Przez dwa tysiąclecia kwestia tajemniczego kontynentu albo rodziła się w umysłach poszczególnych badaczy, albo blakła pod wpływem bojowych antagonistów instrukcji Platona. Najpoważniejszym przeciwnikiem odpierającym wszelkie dowody obecności mistycznej i zaginionej Atlantydy na ziemi, od dawna jest Kościół. Słudzy Pańscy za oficjalną datę stworzenia świata uznali rok 5508 p.n.e. Platon w swoich teoriach wspiął się w ciemność stuleci, wskazując przedział czasowy wynoszący 9 tysięcy lat, kiedy według Kościoła nie było Ziemi, nie było ludzi, nie było wszechświata, a tym bardziej jakiejś zaginionej Atlantydy nie mógłby fizycznie istnieć.

Dopiero w drugiej połowie IX wieku, kiedy Kościół się podzielił i jego wpływy zaczęły słabnąć zagubiona Atlantyda może istnieć, zaczęli znowu rozmawiać, a potem szeptem. Pierwszą, która ponownie głośno zaczęła mówić o możliwości, że zaginiona Atlantyda miała miejsce w historii ludzkiej cywilizacji, była Elena Pietrowna Bławatska (1831–1891) – teozofka, badaczka, pisarka i słynna podróżniczka. Będąc utalentowaną, utalentowaną osobą, jakkolwiek na to spojrzysz, miała bystrą i niezwykłą osobowość, ta niesamowita kobieta kategorycznie stwierdziła, że ​​​​zaginiona Atlantyda istniała, a Platon nie mylił się, spierając się na ten temat tajemnicza wyspa. To prawda, że ​​\u200b\u200bjej teorie istniały rozbieżności z wersją Atlantydy Platona; badaczka przydzieliła jej jednocześnie dwa kontynenty - jeden na Pacyfiku, a drugi na Oceanie Atlantyckim.

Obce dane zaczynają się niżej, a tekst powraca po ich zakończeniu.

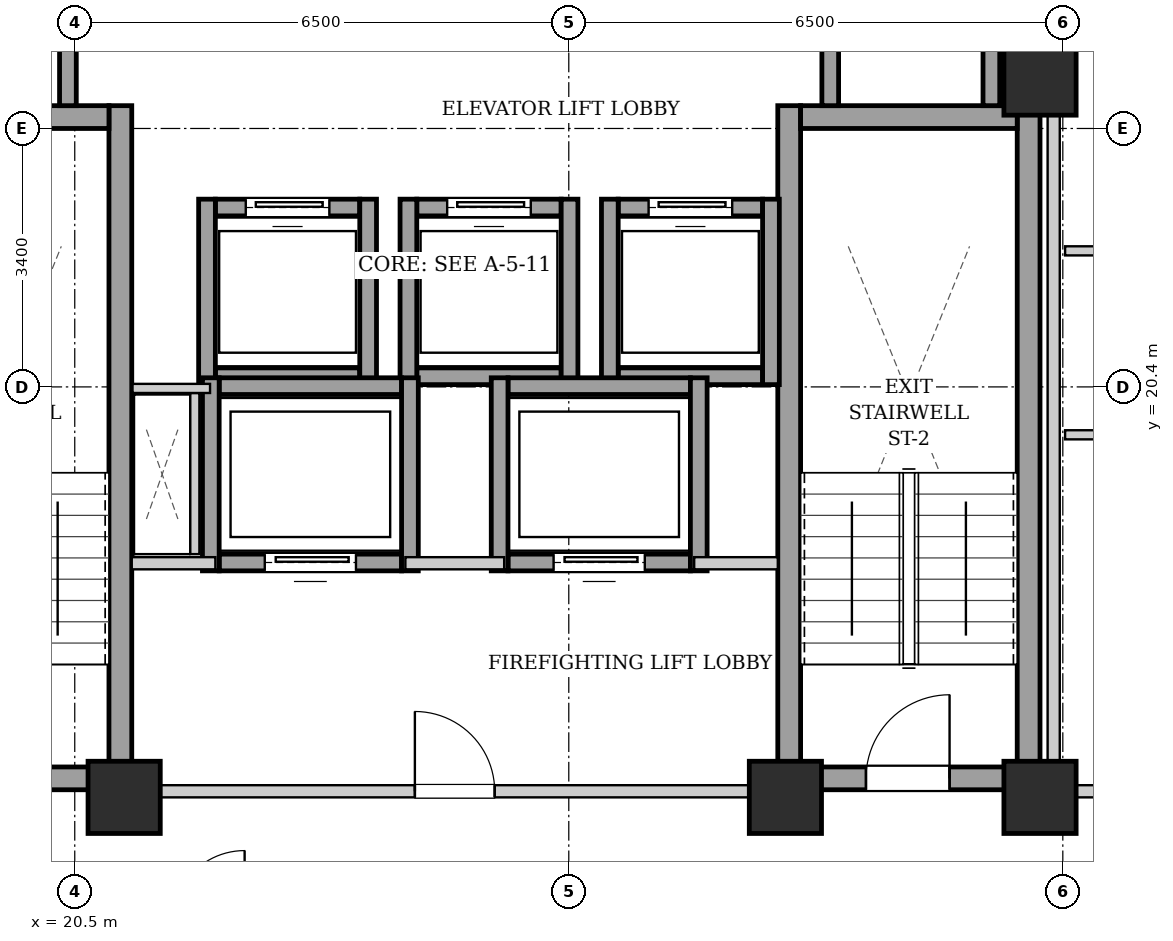
"""IFC4 building model, lengths in metres.
Left out: names, types, materials, properties, quantities, classifications, styles, units other than length and angle.
Written with IfcOpenShell. Run it as: python <this file> out.ifc"""

import sys

from ifc_helpers import new_model, si_unit, direction, frame, frame_2d, origin, origin_2d, place, context, subcontext, project, spatial, rectangle, extrude, element, fill, save


model = new_model("IFC4")
c1 = context("Model", 3, precision=1e-05, world=origin(), true_north=direction((0.0, 1.0)))
c2 = subcontext(c1, "Body", "Model", "MODEL_VIEW")
j1 = project(units=[si_unit("LENGTHUNIT", "METRE"), si_unit("PLANEANGLEUNIT", "RADIAN")], contexts=[c1])
p1 = place(None, origin())
s1 = spatial("IfcSite", under=j1, at=p1, CompositionType="ELEMENT")
p2 = place(p1, origin())
s2 = spatial("IfcBuilding", under=s1, at=p2, CompositionType="ELEMENT")
p3 = place(p2, frame((0.0, 0.0, 140.65)))
s3 = spatial("IfcBuildingStorey", under=s2, at=p3, CompositionType="ELEMENT", Elevation=140.65)
for number, where, z_axis, x_axis in (
    (1, (21.15, 15.0, 0.0), (0.0, 0.0, 1.0), (1.0, 0.0, 0.0)),
    (2, (29.85, 15.0, 0.0), (0.0, 0.0, 1.0), (1.0, 0.0, 0.0)),
    (3, (33.2, 15.0, 0.0), (0.0, 0.0, 1.0), (1.0, 0.0, 0.0)),
    (4, (33.2, 24.45, 0.0), (0.0, 0.0, 1.0), (1.0, 0.0, 0.0)),
):
    element("IfcColumn", number, at=place(p3, frame(where, z_axis=z_axis, x_axis=x_axis)), inside=s3, PredefinedType="COLUMN", context=c2, shape_type="SweptSolid", body=[
        extrude(rectangle(XDim=0.95, YDim=0.95, at=origin_2d()), origin(), (0.0, 0.0, 1.0), 3.25),
    ])
p4 = place(p3, frame((21.1, 15.1, 0.0), z_axis=(0.0, 0.0, 1.0), x_axis=(0.0, 1.0, 0.0)))
e5 = element("IfcWall", 5, at=p4, inside=s3, PredefinedType="SHEAR", context=c2, shape_type="SweptSolid", body=[
    extrude(rectangle(XDim=9.0, YDim=0.3, at=frame_2d((4.5, 0.0))), origin(), (0.0, 0.0, 1.0), 2.99),
])
p5 = place(p3, frame((18.1, 23.95, 0.0), z_axis=(0.0, 0.0, 1.0), x_axis=(1.0, 0.0, 0.0)))
e6 = element("IfcWall", 6, at=p5, inside=s3, PredefinedType="SHEAR", context=c2, shape_type="SweptSolid", body=[
    extrude(rectangle(XDim=2.85, YDim=0.3, at=frame_2d((1.425, 0.0))), origin(), (0.0, 0.0, 1.0), 2.99),
])
p6 = place(p3, frame((18.1, 15.25, 0.0), z_axis=(0.0, 0.0, 1.0), x_axis=(1.0, 0.0, 0.0)))
e7 = element("IfcWall", 7, at=p6, inside=s3, PredefinedType="SHEAR", context=c2, shape_type="SweptSolid", body=[
    extrude(rectangle(XDim=2.85, YDim=0.3, at=frame_2d((1.425, 0.0))), origin(), (0.0, 0.0, 1.0), 2.99),
])
p7 = place(p6, frame((0.86, 0.0, 0.0)))
e8 = element("IfcOpeningElement", 8, at=p7, cuts=e7, PredefinedType="OPENING", context=c2, shape_type="SweptSolid", body=[
    extrude(rectangle(XDim=1.1, YDim=2.05, at=frame_2d((0.55, 1.025))), frame((0.0, 0.16, 0.0), z_axis=(0.0, -1.0, 0.0), x_axis=(1.0, 0.0, 0.0)), (0.0, 0.0, 1.0), 0.32),
])
for number, where, z_axis, x_axis in (
    (9, (29.9, 15.1, 0.0), (0.0, 0.0, 1.0), (0.0, 1.0, 0.0)),
    (10, (33.05, 15.1, 0.0), (0.0, 0.0, 1.0), (0.0, 1.0, 0.0)),
):
    element("IfcWall", number, at=place(p3, frame(where, z_axis=z_axis, x_axis=x_axis)), inside=s3, PredefinedType="SHEAR", context=c2, shape_type="SweptSolid", body=[
        extrude(rectangle(XDim=9.0, YDim=0.3, at=frame_2d((4.5, 0.0))), origin(), (0.0, 0.0, 1.0), 2.99),
    ])
p8 = place(p3, frame((30.05, 23.95, 0.0), z_axis=(0.0, 0.0, 1.0), x_axis=(1.0, 0.0, 0.0)))
e11 = element("IfcWall", 11, at=p8, inside=s3, PredefinedType="SHEAR", context=c2, shape_type="SweptSolid", body=[
    extrude(rectangle(XDim=2.85, YDim=0.3, at=frame_2d((1.425, 0.0))), origin(), (0.0, 0.0, 1.0), 2.99),
])
p9 = place(p3, frame((30.05, 15.25, 0.0), z_axis=(0.0, 0.0, 1.0), x_axis=(1.0, 0.0, 0.0)))
e12 = element("IfcWall", 12, at=p9, inside=s3, PredefinedType="SHEAR", context=c2, shape_type="SweptSolid", body=[
    extrude(rectangle(XDim=2.85, YDim=0.3, at=frame_2d((1.425, 0.0))), origin(), (0.0, 0.0, 1.0), 2.99),
])
p10 = place(p9, frame((0.86, 0.0, 0.0)))
e13 = element("IfcOpeningElement", 13, at=p10, cuts=e12, PredefinedType="OPENING", context=c2, shape_type="SweptSolid", body=[
    extrude(rectangle(XDim=1.1, YDim=2.05, at=frame_2d((0.55, 1.025))), frame((0.0, 0.16, 0.0), z_axis=(0.0, -1.0, 0.0), x_axis=(1.0, 0.0, 0.0)), (0.0, 0.0, 1.0), 0.32),
])
p11 = place(p3, frame((22.35, 20.54, 0.0), z_axis=(0.0, 0.0, 1.0), x_axis=(1.0, 0.0, 0.0)))
e14 = element("IfcWall", 14, at=p11, inside=s3, PredefinedType="SHEAR", context=c2, shape_type="SweptSolid", body=[
    extrude(rectangle(XDim=1.9, YDim=0.22, at=frame_2d((0.95, 0.0))), origin(), (0.0, 0.0, 1.0), 2.99),
])
p12 = place(p3, frame((22.35, 22.76, 0.0), z_axis=(0.0, 0.0, 1.0), x_axis=(1.0, 0.0, 0.0)))
e15 = element("IfcWall", 15, at=p12, inside=s3, PredefinedType="SHEAR", context=c2, shape_type="SweptSolid", body=[
    extrude(rectangle(XDim=1.9, YDim=0.22, at=frame_2d((0.95, 0.0))), origin(), (0.0, 0.0, 1.0), 2.99),
])
p13 = place(p12, frame((0.4, 0.0, 0.0)))
e16 = element("IfcOpeningElement", 16, at=p13, cuts=e15, PredefinedType="OPENING", context=c2, shape_type="SweptSolid", body=[
    extrude(rectangle(XDim=1.1, YDim=2.15, at=frame_2d((0.55, 1.075))), frame((0.0, 0.12, 0.0), z_axis=(0.0, -1.0, 0.0), x_axis=(1.0, 0.0, 0.0)), (0.0, 0.0, 1.0), 0.24),
])
for number, where, z_axis, x_axis in (
    (17, (22.24, 20.43, 0.0), (0.0, 0.0, 1.0), (0.0, 1.0, 0.0)),
    (18, (24.36, 20.43, 0.0), (0.0, 0.0, 1.0), (0.0, 1.0, 0.0)),
):
    element("IfcWall", number, at=place(p3, frame(where, z_axis=z_axis, x_axis=x_axis)), inside=s3, PredefinedType="SHEAR", context=c2, shape_type="SweptSolid", body=[
        extrude(rectangle(XDim=2.44, YDim=0.22, at=frame_2d((1.22, 0.0))), origin(), (0.0, 0.0, 1.0), 2.99),
    ])
p14 = place(p3, frame((25.0, 20.54, 0.0), z_axis=(0.0, 0.0, 1.0), x_axis=(1.0, 0.0, 0.0)))
e19 = element("IfcWall", 19, at=p14, inside=s3, PredefinedType="SHEAR", context=c2, shape_type="SweptSolid", body=[
    extrude(rectangle(XDim=1.9, YDim=0.22, at=frame_2d((0.95, 0.0))), origin(), (0.0, 0.0, 1.0), 2.99),
])
p15 = place(p3, frame((25.0, 22.76, 0.0), z_axis=(0.0, 0.0, 1.0), x_axis=(1.0, 0.0, 0.0)))
e20 = element("IfcWall", 20, at=p15, inside=s3, PredefinedType="SHEAR", context=c2, shape_type="SweptSolid", body=[
    extrude(rectangle(XDim=1.9, YDim=0.22, at=frame_2d((0.95, 0.0))), origin(), (0.0, 0.0, 1.0), 2.99),
])
p16 = place(p15, frame((0.4, 0.0, 0.0)))
e21 = element("IfcOpeningElement", 21, at=p16, cuts=e20, PredefinedType="OPENING", context=c2, shape_type="SweptSolid", body=[
    extrude(rectangle(XDim=1.1, YDim=2.15, at=frame_2d((0.55, 1.075))), frame((0.0, 0.12, 0.0), z_axis=(0.0, -1.0, 0.0), x_axis=(1.0, 0.0, 0.0)), (0.0, 0.0, 1.0), 0.24),
])
for number, where, z_axis, x_axis in (
    (22, (24.89, 20.43, 0.0), (0.0, 0.0, 1.0), (0.0, 1.0, 0.0)),
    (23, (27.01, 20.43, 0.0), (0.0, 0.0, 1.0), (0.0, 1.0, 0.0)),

Pozostałości niegdyś wielkiego i starożytne imperium wyspy Madagaskar, Cejlon, Sumatra, poszczególne wyspy Polinezji i słynna wyspa Wielkanoc.

Wielu innych badaczy poszło w ślady Bławatskiej, wściekle spierając się o to, gdzie znajdowała się zaginiona Atlantyda i o sam fakt jej istnienia na mapie starożytności. Badacze nie byli jednak w stanie przedstawić społeczności naukowej niczego konkretnego, opartego na dowodach i określonego.

Piękny, choć wielu wydawał się mityczną legendą, świat Atlantydy narodził się i gwałtownie rozwinął dopiero pod koniec XIX wieku. Jest to okres początku potężnego postępu, zarówno naukowego, jak i technicznego. Nic dziwnego, że to właśnie w epoce, gdy do dyspozycji człowieka pojawiało się coraz więcej nowych zasobów, w umysłach wielu ponownie pojawiło się zainteresowanie przygodą. A zaginiona Atlantyda w ich oczach stała się właśnie tą przygodą. Tak naprawdę ludzkość właśnie wkroczyła w nową fazę swojego istnienia. Przemysł ciężki i lekki rozwijał się skokowo, nauka wykazywała ogromne zainteresowanie tym, czym naprawdę była ta zaginiona Atlantyda, technologią, finansami - wszystko to wymagało coraz bardziej zaawansowanych środków komunikacji nie tylko pomiędzy poszczególnymi miastami i krajami, ale także pomiędzy całymi kontynentami.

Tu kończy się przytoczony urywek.